- Last Updated: September 13, 2011
Solar power modules, much like electronics, contain a variety of potentially hazardous materials, and cannot be safely disposed of in landfills. Solar panels generally function for 20-25 years, so the majority of panels manufactured are still in use. However, in years to come, their disposal could become an issue. New companies like PV Recycling are therefore looking for ways to recycle or reuse these solar modules when they have reached the end of their lifespan.
The solar industry in the United States has been steadily expanding, with 320 megawatts (MW) of system equipment installed in 2008, and a predicted 2,000 MW of panel modules to be installed during 2012. This rate of growth, due in part to the cost of solar power growing more cost-efficient, will put the U.S. solar capacity ahead of industry leaders like Germany, but brings with it more disposal problems. Scrap material, failed panels, and panels broken in transport will be likely to increase as the industry expands. PV Recycling is one of the businesses that have arisen to tackle the problem of how to dispose of this equipment.

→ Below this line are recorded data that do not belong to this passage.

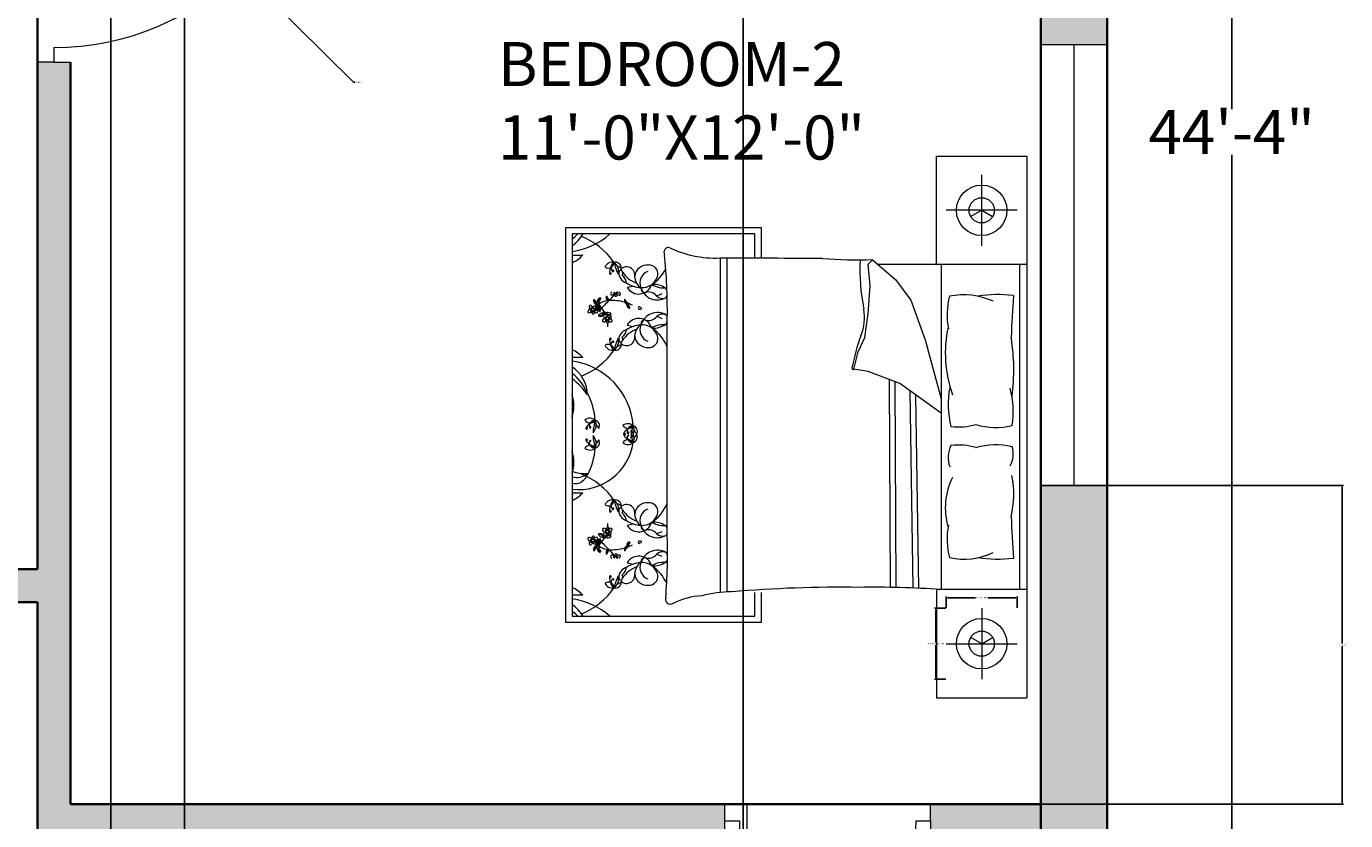
# Model space of a CAD drawing. Units: inches. Extents: x -13 to 349, y -556 to 61.
# Tile 3 of 6: x 170 to 349, y -351 to -243. Entities that reach past the tile are written whole.
import ezdxf

# ---------------------------------------------------------------- set-up
doc = ezdxf.new("R2010")
doc.units = ezdxf.units.IN
doc.header["$MEASUREMENT"] = 0
for name, color, linetype, lineweight in [('A-ANNO-DIMS', 2, 'Continuous', 18), ('A-AREA-IDEN', 7, 'Continuous', 18), ('A-DOOR', 3, 'Continuous', 20), ('A-FURN', 8, 'Continuous', 13), ('A-GLAZ', 5, 'Continuous', 18), ('A-WALL', 7, 'Continuous', 35), ('A-WALL-PATT', 8, 'Continuous', 13)]:
    doc.layers.add(name, color=color, linetype=linetype, lineweight=lineweight)
doc.styles.get("Standard").update_dxf_attribs({"font": 'arial.ttf'})
doc.dimstyles.get("Standard").update_dxf_attribs({"dimtxt": 0.18, "dimasz": 0.18, "dimexe": 0.18, "dimexo": 0.0625, "dimgap": 0.09, "dimtad": 0, "dimtih": 1, "dimtoh": 1, "dimdec": 0, "dimzin": 0, "dimdsep": 46, "dimlunit": 3, "dimtxsty": 'Standard', "dimcen": 0.09, "dimadec": 0, "dimazin": 0, "dimtfac": 1, "dimtdec": 0, "dimtofl": 0, "dimtmove": 0, "dimatfit": 3, "dimfxl": 1, "dimtolj": 1, "dimtzin": 0, "dimarcsym": 0})

# ---------------------------------------------------------------- blocks, each defined once
blk = doc.blocks.new('*D3')
at = {"layer": 'A-ANNO-DIMS', "color": 0, "lineweight": -2, "transparency": 16777216}
for p, q in [((316.82, 8.29), (333.9, 8.29)), ((333.72, 8.11), (333.72, -254.62)), ((333.72, -523.53), (333.72, -260.8)), ((316.82, -523.71), (333.9, -523.71))]:
    blk.add_line(p, q, dxfattribs=at)
at = {"layer": 'A-ANNO-DIMS', "color": 0, "transparency": 16777216}
for points in [[(333.69, 8.11), (333.75, 8.11), (333.72, 8.29)], [(333.69, -523.53), (333.75, -523.53), (333.72, -523.71)]]:
    blk.add_solid(points, dxfattribs=at)
at = {"layer": 'Defpoints', "color": 0, "transparency": 16777216}
for p in [(316.76, 8.29), (316.76, -523.71), (333.72, -523.71)]:
    blk.add_point(p, dxfattribs=at)
at = {"layer": 'A-ANNO-DIMS', "color": 0, "transparency": 16777216, "insert": (333.72, -257.71), "char_height": 6, "attachment_point": 5}
blk.add_mtext('\\A1;44\'-4"', dxfattribs=at)
blk = doc.blocks.new('DOOR-SWING-36IN')
for p, q in [((36, 40), (33.75, 40)), ((36, 38), (36, 40)), ((36, 40), (38.25, 40)), ((38.25, 3), (0, 3)), ((36, 2), (0, 2)), ((36, 0), (36, 2)), ((33.75, 0), (38.25, 0))]:
    blk.add_line(p, q)
blk.add_arc((36, 2), 36, 90, 180)
blk = doc.blocks.new('DOOR-SWING-24IN')
for p, q in [((4.5, 28), (0, 28)), ((2.25, 28), (2.25, 26)), ((2.25, 26), (26.25, 26)), ((0, 25), (26.25, 25)), ((2.25, 2), (2.25, 0)), ((2.25, 0), (0, 0)), ((2.25, 0), (4.5, 0))]:
    blk.add_line(p, q)
blk.add_arc((2.25, 26), 24, 270, 0)
blk = doc.blocks.new('WIN-60IN-D9')
for p, q in [((0, 60), (0, 0)), ((9, 60), (0, 60)), ((4.5, 60), (4.5, 0)), ((9, 0), (9, 60)), ((0, 0), (9, 0))]:
    blk.add_line(p, q)
blk = doc.blocks.new('BEDSIDE-LAMP-SM')
for p, q in [((4.82, 9.64), (4.82, 0)), ((0, 4.82), (9.64, 4.82))]:
    blk.add_line(p, q)
for points in [[(4.82, 4.82), (3.33, 5.68)], [(4.82, 4.82), (6.31, 5.68)]]:
    blk.add_lwpolyline(points)
for radius in [3.44, 1.72]:
    blk.add_circle((4.82, 4.82), radius)
blk = doc.blocks.new('*D32')
at = {"layer": 'A-ANNO-DIMS', "color": 0, "lineweight": -2, "transparency": 16777216}
for p, q in [((294.83, -322.55), (293.27, -322.55)), ((293.45, -322.73), (293.45, -327.19)), ((293.45, -332.01), (293.45, -327.55)), ((294.83, -332.19), (293.27, -332.19))]:
    blk.add_line(p, q, dxfattribs=at)
at = {"layer": 'A-ANNO-DIMS', "color": 0, "transparency": 16777216}
for points in [[(293.42, -322.73), (293.48, -322.73), (293.45, -322.55)], [(293.42, -332.01), (293.48, -332.01), (293.45, -332.19)]]:
    blk.add_solid(points, dxfattribs=at)
at = {"layer": 'Defpoints', "color": 0, "transparency": 16777216}
for p in [(293.45, -322.55), (294.89, -322.55), (294.89, -332.19)]:
    blk.add_point(p, dxfattribs=at)
at = {"layer": 'A-ANNO-DIMS', "color": 0, "transparency": 16777216, "insert": (293.45, -327.37), "char_height": 0.18, "attachment_point": 5}
blk.add_mtext('\\A1;LAMP B 0\'-9 1/2" TYP.', dxfattribs=at)
blk = doc.blocks.new('*D33')
at = {"layer": 'A-ANNO-DIMS', "color": 0, "lineweight": -2, "transparency": 16777216}
for p, q in [((294.89, -322.49), (294.89, -320.93)), ((295.07, -321.11), (298.86, -321.11)), ((304.35, -321.11), (300.56, -321.11)), ((304.53, -322.49), (304.53, -320.93))]:
    blk.add_line(p, q, dxfattribs=at)
at = {"layer": 'A-ANNO-DIMS', "color": 0, "transparency": 16777216}
for points in [[(295.07, -321.08), (295.07, -321.14), (294.89, -321.11)], [(304.35, -321.08), (304.35, -321.14), (304.53, -321.11)]]:
    blk.add_solid(points, dxfattribs=at)
at = {"layer": 'Defpoints', "color": 0, "transparency": 16777216}
for p in [(304.53, -321.11), (294.89, -322.55), (304.53, -322.55)]:
    blk.add_point(p, dxfattribs=at)
at = {"layer": 'A-ANNO-DIMS', "color": 0, "transparency": 16777216, "insert": (299.71, -321.11), "char_height": 0.18, "attachment_point": 5}
blk.add_mtext('\\A1;0\'-9 1/2" TYP.', dxfattribs=at)
blk = doc.blocks.new('*D34')
at = {"layer": 'A-ANNO-DIMS', "color": 0, "lineweight": -2, "transparency": 16777216}
for p, q in [((267.26, -200.78), (267.26, -555.89)), ((307.76, -200.78), (307.76, -555.89)), ((267.44, -555.71), (286.97, -555.71)), ((307.58, -555.71), (288.04, -555.71))]:
    blk.add_line(p, q, dxfattribs=at)
at = {"layer": 'A-ANNO-DIMS', "color": 0, "transparency": 16777216}
for points in [[(267.44, -555.68), (267.44, -555.74), (267.26, -555.71)], [(307.58, -555.68), (307.58, -555.74), (307.76, -555.71)]]:
    blk.add_solid(points, dxfattribs=at)
at = {"layer": 'Defpoints', "color": 0, "transparency": 16777216}
for p in [(267.26, -200.71), (307.76, -200.71), (307.76, -555.71)]:
    blk.add_point(p, dxfattribs=at)
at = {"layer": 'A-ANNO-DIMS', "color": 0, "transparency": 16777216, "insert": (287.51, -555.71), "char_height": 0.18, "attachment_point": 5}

Interviews with manufacturers conducted by PV Recycling showed that all manufacturers favored recycling as a way of ensuring that their technology remained green during all stages of its lifespan, and 80 percent wanted third-party companies to handle the recycling.
Currently, toxic materials like cadmium, silicon tetrachloride, and indium are used in solar panels. Environmental organizations and recycling companies are now encouraging manufacturers to prepare for recycling in the design phase, using less harmful materials and creating panels meant to be disposed of cleanly. For example, changing the process to make silicon crystals during panel production would not only use less energy during manufacturing, but would also make the silicon more easily reusable.
Recycling materials, even rare ones such as cadmium and tellurium, can be an expensive process. In fact, at the present time it is cheaper to use new materials, but as this is in part due to the lack of large-scale recycling programs. As more solar panels need to be recycled, companies anticipate that the costs will decrease.